Infections with the malaria parasite can lead to severe illness and mortality, with nearly half a million deaths attributed to malaria globally each year. Adults from malaria endemic regions often have immunity to malaria and are much less susceptible to disease, compared with children. Understanding how a host can control malaria infections is critical in guiding the development of a much need efficacious vaccine. Infected individuals are thought to clear infected red blood cells (RBCs) from circulation via organs such as the spleen - and this clearance is thought to play a major role in controlling malaria infections. However, no work has directly quantified clearance of infected RBCs or studied the extent to which parasite clearance is improved in, for example, immune hosts.

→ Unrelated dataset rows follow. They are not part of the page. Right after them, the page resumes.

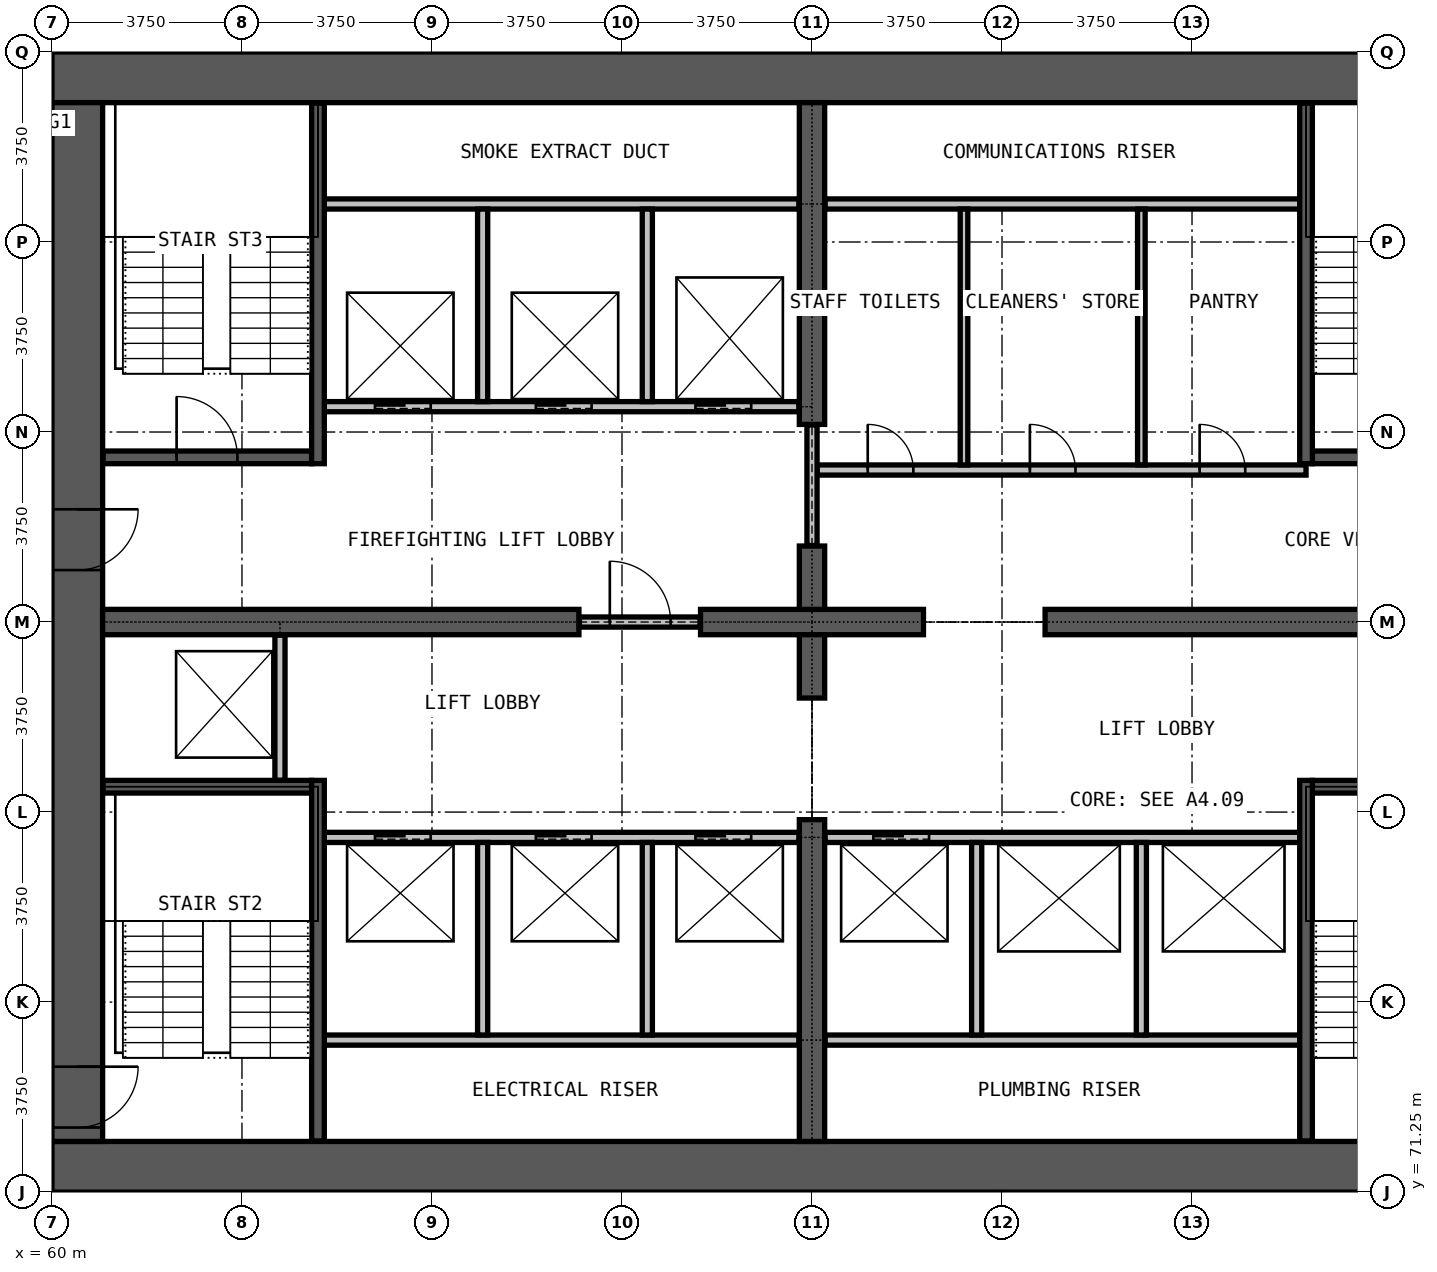
"""IFC4 building model, lengths in metres.
Left out: names, types, materials, properties, quantities, classifications, styles, units other than length and angle.
Written with IfcOpenShell. Run it as: python <this file> out.ifc"""

import sys

from ifc_helpers import new_model, si_unit, direction, frame, frame_2d, origin, place, context, subcontext, project, spatial, rectangle, extrude, element, fill, save


model = new_model("IFC4")
c1 = context("Model", 3, precision=1e-05, world=origin(), true_north=direction((0.0, 1.0)))
c2 = subcontext(c1, "Body", "Model", "MODEL_VIEW")
j1 = project(units=[si_unit("LENGTHUNIT", "METRE"), si_unit("PLANEANGLEUNIT", "RADIAN")], contexts=[c1])
p1 = place(None, origin())
s1 = spatial("IfcSite", under=j1, at=p1, CompositionType="ELEMENT")
p2 = place(p1, origin())
s2 = spatial("IfcBuilding", under=s1, at=p2, CompositionType="ELEMENT")
p3 = place(p2, frame((0.0, 0.0, 82.4)))
s3 = spatial("IfcBuildingStorey", under=s2, at=p3, CompositionType="ELEMENT", Elevation=82.4)
for number, where, z_axis, x_axis in (
    (1, (60.0, 71.75, 0.0), (0.0, 0.0, 1.0), (1.0, 0.0, 0.0)),
    (2, (90.0, 93.25, 0.0), (0.0, 0.0, 1.0), (-1.0, 0.0, 0.0)),
):
    element("IfcWall", number, at=place(p3, frame(where, z_axis=z_axis, x_axis=x_axis)), inside=s3, PredefinedType="SHEAR", context=c2, shape_type="SweptSolid", body=[
        extrude(rectangle(XDim=30.0, YDim=1.0, at=frame_2d((15.0, 0.0))), origin(), (0.0, 0.0, 1.0), 3.3),
    ])
p4 = place(p3, frame((60.5, 92.75, 0.0), z_axis=(0.0, 0.0, 1.0), x_axis=(0.0, -1.0, 0.0)))
e3 = element("IfcWall", 3, at=p4, inside=s3, PredefinedType="SHEAR", context=c2, shape_type="SweptSolid", body=[
    extrude(rectangle(XDim=20.5, YDim=1.0, at=frame_2d((10.25, 0.0))), origin(), (0.0, 0.0, 1.0), 3.3),
])
p5 = place(p4, frame((19.025, 0.0, 0.0)))
e4 = element("IfcOpeningElement", 4, at=p5, cuts=e3, PredefinedType="OPENING", context=c2, shape_type="SweptSolid", body=[
    extrude(rectangle(XDim=1.2, YDim=2.2, at=frame_2d((0.6, 1.1))), frame((0.0, 0.51, 0.0), z_axis=(0.0, -1.0, 0.0), x_axis=(1.0, 0.0, 0.0)), (0.0, 0.0, 1.0), 1.02),
])
p6 = place(p4, frame((8.025, 0.0, 0.0)))
e5 = element("IfcOpeningElement", 5, at=p6, cuts=e3, PredefinedType="OPENING", context=c2, shape_type="SweptSolid", body=[
    extrude(rectangle(XDim=1.2, YDim=2.2, at=frame_2d((0.6, 1.1))), frame((0.0, 0.51, 0.0), z_axis=(0.0, -1.0, 0.0), x_axis=(1.0, 0.0, 0.0)), (0.0, 0.0, 1.0), 1.02),
])
p7 = place(p3, frame((61.0, 82.5, 0.0), z_axis=(0.0, 0.0, 1.0), x_axis=(1.0, 0.0, 0.0)))
e6 = element("IfcWall", 6, at=p7, inside=s3, PredefinedType="SHEAR", context=c2, shape_type="SweptSolid", body=[
    extrude(rectangle(XDim=9.4, YDim=0.5, at=frame_2d((4.7, 0.0))), origin(), (0.0, 0.0, 1.0), 3.3),
])
p8 = place(p3, frame((72.8, 82.5, 0.0), z_axis=(0.0, 0.0, 1.0), x_axis=(1.0, 0.0, 0.0)))
e7 = element("IfcWall", 7, at=p8, inside=s3, PredefinedType="SHEAR", context=c2, shape_type="SweptSolid", body=[
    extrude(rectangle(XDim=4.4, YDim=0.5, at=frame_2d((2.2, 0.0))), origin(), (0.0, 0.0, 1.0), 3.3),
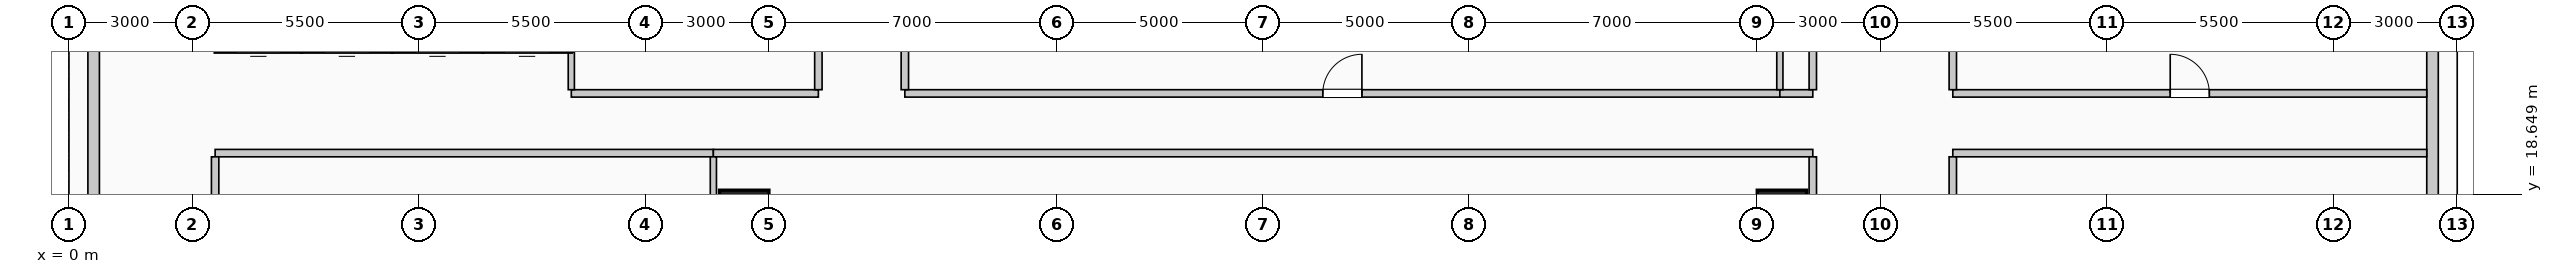
"""IFC4 building model, lengths in metres.
Left out: names, types, materials, properties, quantities, classifications, styles, units other than length and angle.
Written with IfcOpenShell. Run it as: python <this file> out.ifc"""

import sys

from ifc_helpers import new_model, si_unit, direction, frame, frame_2d, origin, origin_2d, place, context, subcontext, project, spatial, rectangle, extrude, element, fill, save


model = new_model("IFC4")
c1 = context("Model", 3, precision=1e-05, world=origin(), true_north=direction((0.0, 1.0)))
c2 = subcontext(c1, "Body", "Model", "MODEL_VIEW")
j1 = project(units=[si_unit("LENGTHUNIT", "METRE"), si_unit("PLANEANGLEUNIT", "RADIAN")], contexts=[c1])
p1 = place(None, origin())
s1 = spatial("IfcSite", under=j1, at=p1, CompositionType="ELEMENT")
p2 = place(p1, origin())
s2 = spatial("IfcBuilding", under=s1, at=p2, CompositionType="ELEMENT")
p3 = place(p2, frame((0.0, 0.0, 54.6)))
s3 = spatial("IfcBuildingStorey", under=s2, at=p3, CompositionType="ELEMENT", Elevation=54.6)
for number, where, z_axis, x_axis in (
    (1, (16.4, 18.0, 0.0), (0.0, 0.0, 1.0), (1.0, 0.0, 0.0)),
    (2, (41.6, 18.0, 0.0), (0.0, 0.0, 1.0), (1.0, 0.0, 0.0)),
):
    element("IfcColumn", number, at=place(p3, frame(where, z_axis=z_axis, x_axis=x_axis)), inside=s3, PredefinedType="COLUMN", context=c2, shape_type="SweptSolid", body=[
        extrude(rectangle(XDim=1.2, YDim=1.5, at=origin_2d()), origin(), (0.0, 0.0, 1.0), 4.0),
    ])
for number, where, z_axis, x_axis in (
    (3, (0.6, 18.47, 0.0), (0.0, 0.0, 1.0), (0.0, 1.0, 0.0)),
    (4, (57.4, 25.53, 0.0), (0.0, 0.0, 1.0), (0.0, -1.0, 0.0)),
):
    element("IfcWall", number, at=place(p3, frame(where, z_axis=z_axis, x_axis=x_axis)), inside=s3, PredefinedType="SOLIDWALL", context=c2, shape_type="SweptSolid", body=[
        extrude(rectangle(XDim=7.06, YDim=0.28, at=frame_2d((3.53, 0.0))), origin(), (0.0, 0.0, 1.0), 2.85),
    ])
p4 = place(p3, frame((5.65, 22.25, 0.0), z_axis=(0.0, 0.0, 1.0), x_axis=(-1.0, 0.0, 0.0)))
e5 = element("IfcWall", 5, at=p4, inside=s3, PredefinedType="SOLIDWALL", context=c2, shape_type="SweptSolid", body=[
    extrude(rectangle(XDim=2.1, YDim=0.3, at=frame_2d((1.05, 0.0))), origin(), (0.0, 0.0, 1.0), 4.0),
])
p5 = place(p4, frame((0.5, 0.0, 0.0)))
e6 = element("IfcOpeningElement", 6, at=p5, cuts=e5, PredefinedType="OPENING", context=c2, shape_type="SweptSolid", body=[
    extrude(rectangle(XDim=1.1, YDim=2.2, at=frame_2d((0.55, 1.1))), frame((0.0, 0.16, 0.0), z_axis=(0.0, -1.0, 0.0), x_axis=(1.0, 0.0, 0.0)), (0.0, 0.0, 1.0), 0.32),
])
p6 = place(p3, frame((7.85, 22.25, 0.0), z_axis=(0.0, 0.0, 1.0), x_axis=(-1.0, 0.0, 0.0)))
e7 = element("IfcWall", 7, at=p6, inside=s3, PredefinedType="SOLIDWALL", context=c2, shape_type="SweptSolid", body=[
    extrude(rectangle(XDim=2.2, YDim=0.3, at=frame_2d((1.1, 0.0))), origin(), (0.0, 0.0, 1.0), 4.0),
])
p7 = place(p6, frame((0.55, 0.0, 0.0)))
e8 = element("IfcOpeningElement", 8, at=p7, cuts=e7, PredefinedType="OPENING", context=c2, shape_type="SweptSolid", body=[
    extrude(rectangle(XDim=1.1, YDim=2.2, at=frame_2d((0.55, 1.1))), frame((0.0, 0.16, 0.0), z_axis=(0.0, -1.0, 0.0), x_axis=(1.0, 0.0, 0.0)), (0.0, 0.0, 1.0), 0.32),
])
p8 = place(p3, frame((10.05, 22.25, 0.0), z_axis=(0.0, 0.0, 1.0), x_axis=(-1.0, 0.0, 0.0)))
e9 = element("IfcWall", 9, at=p8, inside=s3, PredefinedType="SOLIDWALL", context=c2, shape_type="SweptSolid", body=[
    extrude(rectangle(XDim=2.2, YDim=0.3, at=frame_2d((1.1, 0.0))), origin(), (0.0, 0.0, 1.0), 4.0),
])
p9 = place(p8, frame((0.55, 0.0, 0.0)))
e10 = element("IfcOpeningElement", 10, at=p9, cuts=e9, PredefinedType="OPENING", context=c2, shape_type="SweptSolid", body=[
    extrude(rectangle(XDim=1.1, YDim=2.2, at=frame_2d((0.55, 1.1))), frame((0.0, 0.16, 0.0), z_axis=(0.0, -1.0, 0.0), x_axis=(1.0, 0.0, 0.0)), (0.0, 0.0, 1.0), 0.32),
])
p10 = place(p3, frame((12.2, 22.25, 0.0), z_axis=(0.0, 0.0, 1.0), x_axis=(-1.0, 0.0, 0.0)))
e11 = element("IfcWall", 11, at=p10, inside=s3, PredefinedType="SOLIDWALL", context=c2, shape_type="SweptSolid", body=[
    extrude(rectangle(XDim=2.15, YDim=0.3, at=frame_2d((1.075, 0.0))), origin(), (0.0, 0.0, 1.0), 4.0),
])
p11 = place(p10, frame((0.525, 0.0, 0.0)))
e12 = element("IfcOpeningElement", 12, at=p11, cuts=e11, PredefinedType="OPENING", context=c2, shape_type="SweptSolid", body=[
    extrude(rectangle(XDim=1.1, YDim=2.2, at=frame_2d((0.55, 1.1))), frame((0.0, 0.16, 0.0), z_axis=(0.0, -1.0, 0.0), x_axis=(1.0, 0.0, 0.0)), (0.0, 0.0, 1.0), 0.32),
])
p12 = place(p3, frame((3.55, 19.65, 0.0), z_axis=(0.0, 0.0, 1.0), x_axis=(1.0, 0.0, 0.0)))
e13 = element("IfcWall", 13, at=p12, inside=s3, PredefinedType="PARTITIONING", context=c2, shape_type="SweptSolid", body=[
    extrude(rectangle(XDim=12.1, YDim=0.18, at=frame_2d((6.05, 0.0))), origin(), (0.0, 0.0, 1.0), 3.7),
])
p13 = place(p3, frame((15.65, 19.65, 0.0), z_axis=(0.0, 0.0, 1.0), x_axis=(1.0, 0.0, 0.0)))
e14 = element("IfcWall", 14, at=p13, inside=s3, PredefinedType="PARTITIONING", context=c2, shape_type="SweptSolid", body=[
    extrude(rectangle(XDim=26.7, YDim=0.18, at=frame_2d((13.35, 0.0))), origin(), (0.0, 0.0, 1.0), 3.7),
])
p14 = place(p3, frame((45.75, 19.65, 0.0), z_axis=(0.0, 0.0, 1.0), x_axis=(1.0, 0.0, 0.0)))
e15 = element("IfcWall", 15, at=p14, inside=s3, PredefinedType="PARTITIONING", context=c2, shape_type="SweptSolid", body=[
    extrude(rectangle(XDim=11.51, YDim=0.18, at=frame_2d((5.755, 0.0))), origin(), (0.0, 0.0, 1.0), 3.7),
])
p15 = place(p3, frame((12.2, 21.1, 0.0), z_axis=(0.0, 0.0, 1.0), x_axis=(1.0, 0.0, 0.0)))
e16 = element("IfcWall", 16, at=p15, inside=s3, PredefinedType="PARTITIONING", context=c2, shape_type="SweptSolid", body=[
    extrude(rectangle(XDim=6.0, YDim=0.18, at=frame_2d((3.0, 0.0))), origin(), (0.0, 0.0, 1.0), 3.7),
])
p16 = place(p3, frame((20.3, 21.1, 0.0), z_axis=(0.0, 0.0, 1.0), x_axis=(1.0, 0.0, 0.0)))
e17 = element("IfcWall", 17, at=p16, inside=s3, PredefinedType="PARTITIONING", context=c2, shape_type="SweptSolid", body=[
    extrude(rectangle(XDim=21.25, YDim=0.18, at=frame_2d((10.625, 0.0))), origin(), (0.0, 0.0, 1.0), 3.7),
])
p17 = place(p16, frame((10.15, 0.0, 0.0)))
e18 = element("IfcOpeningElement", 18, at=p17, cuts=e17, PredefinedType="OPENING", context=c2, shape_type="SweptSolid", body=[
    extrude(rectangle(XDim=0.95, YDim=2.15, at=frame_2d((0.475, 1.075))), frame((0.0, 0.1, 0.0), z_axis=(0.0, -1.0, 0.0), x_axis=(1.0, 0.0, 0.0)), (0.0, 0.0, 1.0), 0.2),
])
p18 = place(p3, frame((41.55, 21.1, 0.0), z_axis=(0.0, 0.0, 1.0), x_axis=(1.0, 0.0, 0.0)))
e19 = element("IfcWall", 19, at=p18, inside=s3, PredefinedType="PARTITIONING", context=c2, shape_type="SweptSolid", body=[
    extrude(rectangle(XDim=0.8, YDim=0.18, at=frame_2d((0.4, 0.0))), origin(), (0.0, 0.0, 1.0), 3.7),
])
p19 = place(p3, frame((45.75, 21.1, 0.0), z_axis=(0.0, 0.0, 1.0), x_axis=(1.0, 0.0, 0.0)))
e20 = element("IfcWall", 20, at=p19, inside=s3, PredefinedType="PARTITIONING", context=c2, shape_type="SweptSolid", body=[
    extrude(rectangle(XDim=11.51, YDim=0.18, at=frame_2d((5.755, 0.0))), origin(), (0.0, 0.0, 1.0), 3.7),
])
p20 = place(p19, frame((5.28, 0.0, 0.0)))
e21 = element("IfcOpeningElement", 21, at=p20, cuts=e20, PredefinedType="OPENING", context=c2, shape_type="SweptSolid", body=[
    extrude(rectangle(XDim=0.95, YDim=2.15, at=frame_2d((0.475, 1.075))), frame((0.0, 0.1, 0.0), z_axis=(0.0, -1.0, 0.0), x_axis=(1.0, 0.0, 0.0)), (0.0, 0.0, 1.0), 0.2),
])
p21 = place(p3, frame((3.55, 16.39, 0.0), z_axis=(0.0, 0.0, 1.0), x_axis=(0.0, 1.0, 0.0)))
e22 = element("IfcWall", 22, at=p21, inside=s3, PredefinedType="PARTITIONING", context=c2, shape_type="SweptSolid", body=[
    extrude(rectangle(XDim=3.17, YDim=0.18, at=frame_2d((1.585, 0.0))), origin(), (0.0, 0.0, 1.0), 3.7),
])
p22 = place(p3, frame((12.2, 21.19, 0.0), z_axis=(0.0, 0.0, 1.0), x_axis=(0.0, 1.0, 0.0)))
e23 = element("IfcWall", 23, at=p22, inside=s3, PredefinedType="PARTITIONING", context=c2, shape_type="SweptSolid", body=[
    extrude(rectangle(XDim=0.91, YDim=0.15, at=frame_2d((0.455, 0.0))), origin(), (0.0, 0.0, 1.0), 3.7),
])
p23 = place(p3, frame((15.65, 16.39, 0.0), z_axis=(0.0, 0.0, 1.0), x_axis=(0.0, 1.0, 0.0)))
e24 = element("IfcWall", 24, at=p23, inside=s3, PredefinedType="PARTITIONING", context=c2, shape_type="SweptSolid", body=[
    extrude(rectangle(XDim=3.17, YDim=0.15, at=frame_2d((1.585, 0.0))), origin(), (0.0, 0.0, 1.0), 3.7),
])
for number, where, z_axis, x_axis in (
    (25, (18.2, 21.19, 0.0), (0.0, 0.0, 1.0), (0.0, 1.0, 0.0)),
    (26, (20.3, 21.19, 0.0), (0.0, 0.0, 1.0), (0.0, 1.0, 0.0)),
):
    element("IfcWall", number, at=place(p3, frame(where, z_axis=z_axis, x_axis=x_axis)), inside=s3, PredefinedType="PARTITIONING", context=c2, shape_type="SweptSolid", body=[
        extrude(rectangle(XDim=10.52, YDim=0.18, at=frame_2d((5.26, 0.0))), origin(), (0.0, 0.0, 1.0), 3.7),
    ])
p24 = place(p3, frame((41.55, 21.19, 0.0), z_axis=(0.0, 0.0, 1.0), x_axis=(0.0, 1.0, 0.0)))
e27 = element("IfcWall", 27, at=p24, inside=s3, PredefinedType="PARTITIONING", context=c2, shape_type="SweptSolid", body=[
    extrude(rectangle(XDim=4.06, YDim=0.15, at=frame_2d((2.03, 0.0))), origin(), (0.0, 0.0, 1.0), 2.995),
])
p25 = place(p3, frame((42.35, 16.39, 0.0), z_axis=(0.0, 0.0, 1.0), x_axis=(0.0, 1.0, 0.0)))
e28 = element("IfcWall", 28, at=p25, inside=s3, PredefinedType="PARTITIONING", context=c2, shape_type="SweptSolid", body=[
    extrude(rectangle(XDim=3.17, YDim=0.18, at=frame_2d((1.585, 0.0))), origin(), (0.0, 0.0, 1.0), 3.7),
])
p26 = place(p3, frame((42.35, 21.19, 0.0), z_axis=(0.0, 0.0, 1.0), x_axis=(0.0, 1.0, 0.0)))
e29 = element("IfcWall", 29, at=p26, inside=s3, PredefinedType="PARTITIONING", context=c2, shape_type="SweptSolid", body=[
    extrude(rectangle(XDim=11.085, YDim=0.18, at=frame_2d((5.542, 0.0))), origin(), (0.0, 0.0, 1.0), 3.7),
])
p27 = place(p3, frame((45.75, 16.39, 0.0), z_axis=(0.0, 0.0, 1.0), x_axis=(0.0, 1.0, 0.0)))
e30 = element("IfcWall", 30, at=p27, inside=s3, PredefinedType="PARTITIONING", context=c2, shape_type="SweptSolid", body=[
    extrude(rectangle(XDim=3.17, YDim=0.18, at=frame_2d((1.585, 0.0))), origin(), (0.0, 0.0, 1.0), 3.7),
])
p28 = place(p3, frame((45.75, 21.19, 0.0), z_axis=(0.0, 0.0, 1.0), x_axis=(0.0, 1.0, 0.0)))
e31 = element("IfcWall", 31, at=p28, inside=s3, PredefinedType="PARTITIONING", context=c2, shape_type="SweptSolid", body=[
    extrude(rectangle(XDim=11.085, YDim=0.18, at=frame_2d((5.542, 0.0))), origin(), (0.0, 0.0, 1.0), 3.7),
])
p29 = place(p17, origin())
e32 = element("IfcDoor", 32, at=p29, inside=s3, OperationType="SINGLE_SWING_RIGHT", PredefinedType="DOOR", context=c2, shape_type="SweptSolid", body=[
    extrude(rectangle(XDim=0.95, YDim=2.15, at=frame_2d((0.475, 1.075))), frame((0.0, 0.025, 0.0), z_axis=(0.0, -1.0, 0.0), x_axis=(1.0, 0.0, 0.0)), (0.0, 0.0, 1.0), 0.05),
])
fill(e18, e32)
p30 = place(p20, origin())
e33 = element("IfcDoor", 33, at=p30, inside=s3, OperationType="SINGLE_SWING_LEFT", PredefinedType="DOOR", context=c2, shape_type="SweptSolid", body=[
    extrude(rectangle(XDim=0.95, YDim=2.15, at=frame_2d((0.475, 1.075))), frame((0.0, 0.025, 0.0), z_axis=(0.0, -1.0, 0.0), x_axis=(1.0, 0.0, 0.0)), (0.0, 0.0, 1.0), 0.05),
])
fill(e21, e33)
save(model, sys.argv[1])

In this study, we developed a unique experimental approach to directly track the loss of a single cohort of infected RBCs in mice. We used this system to study the loss of infected RBCs in naïve, immune deficient, acutely infected, drug treated and immune mice. Modelling data from these experiments enabled us determine the baseline clearance half-life of infected RBCs in naïve mice (14.4 h), which suggests that about one third of infected cells are cleared every parasite replication cycle. Further, we found that this half-life was approximately doubled when phagocytes (a certain host immune cell) were depleted (33.8 h), suggesting host immune cells are important in removing infected cells. Surprisingly, with the exception of treatment with a high dose of a particular antimalarial (sodium artesunate), we did not observe an increase in the rate of clearance of infected RBCs in acutely infected mice, immune mice, or after drug treated, despite observing effective control of infection in all scenarios. Instead, of elevated host removal of infected, we observed an array of other factors that caused the control of infection, and in particular, this work revealed a novel mechanism of host control in acute infection, that is, slowing the development of parasites.
This work has revealed that the basal rate of removal of infected RBCs in murine malaria infection is very high, but this rate cannot easily be improved by host responses or drug treatment.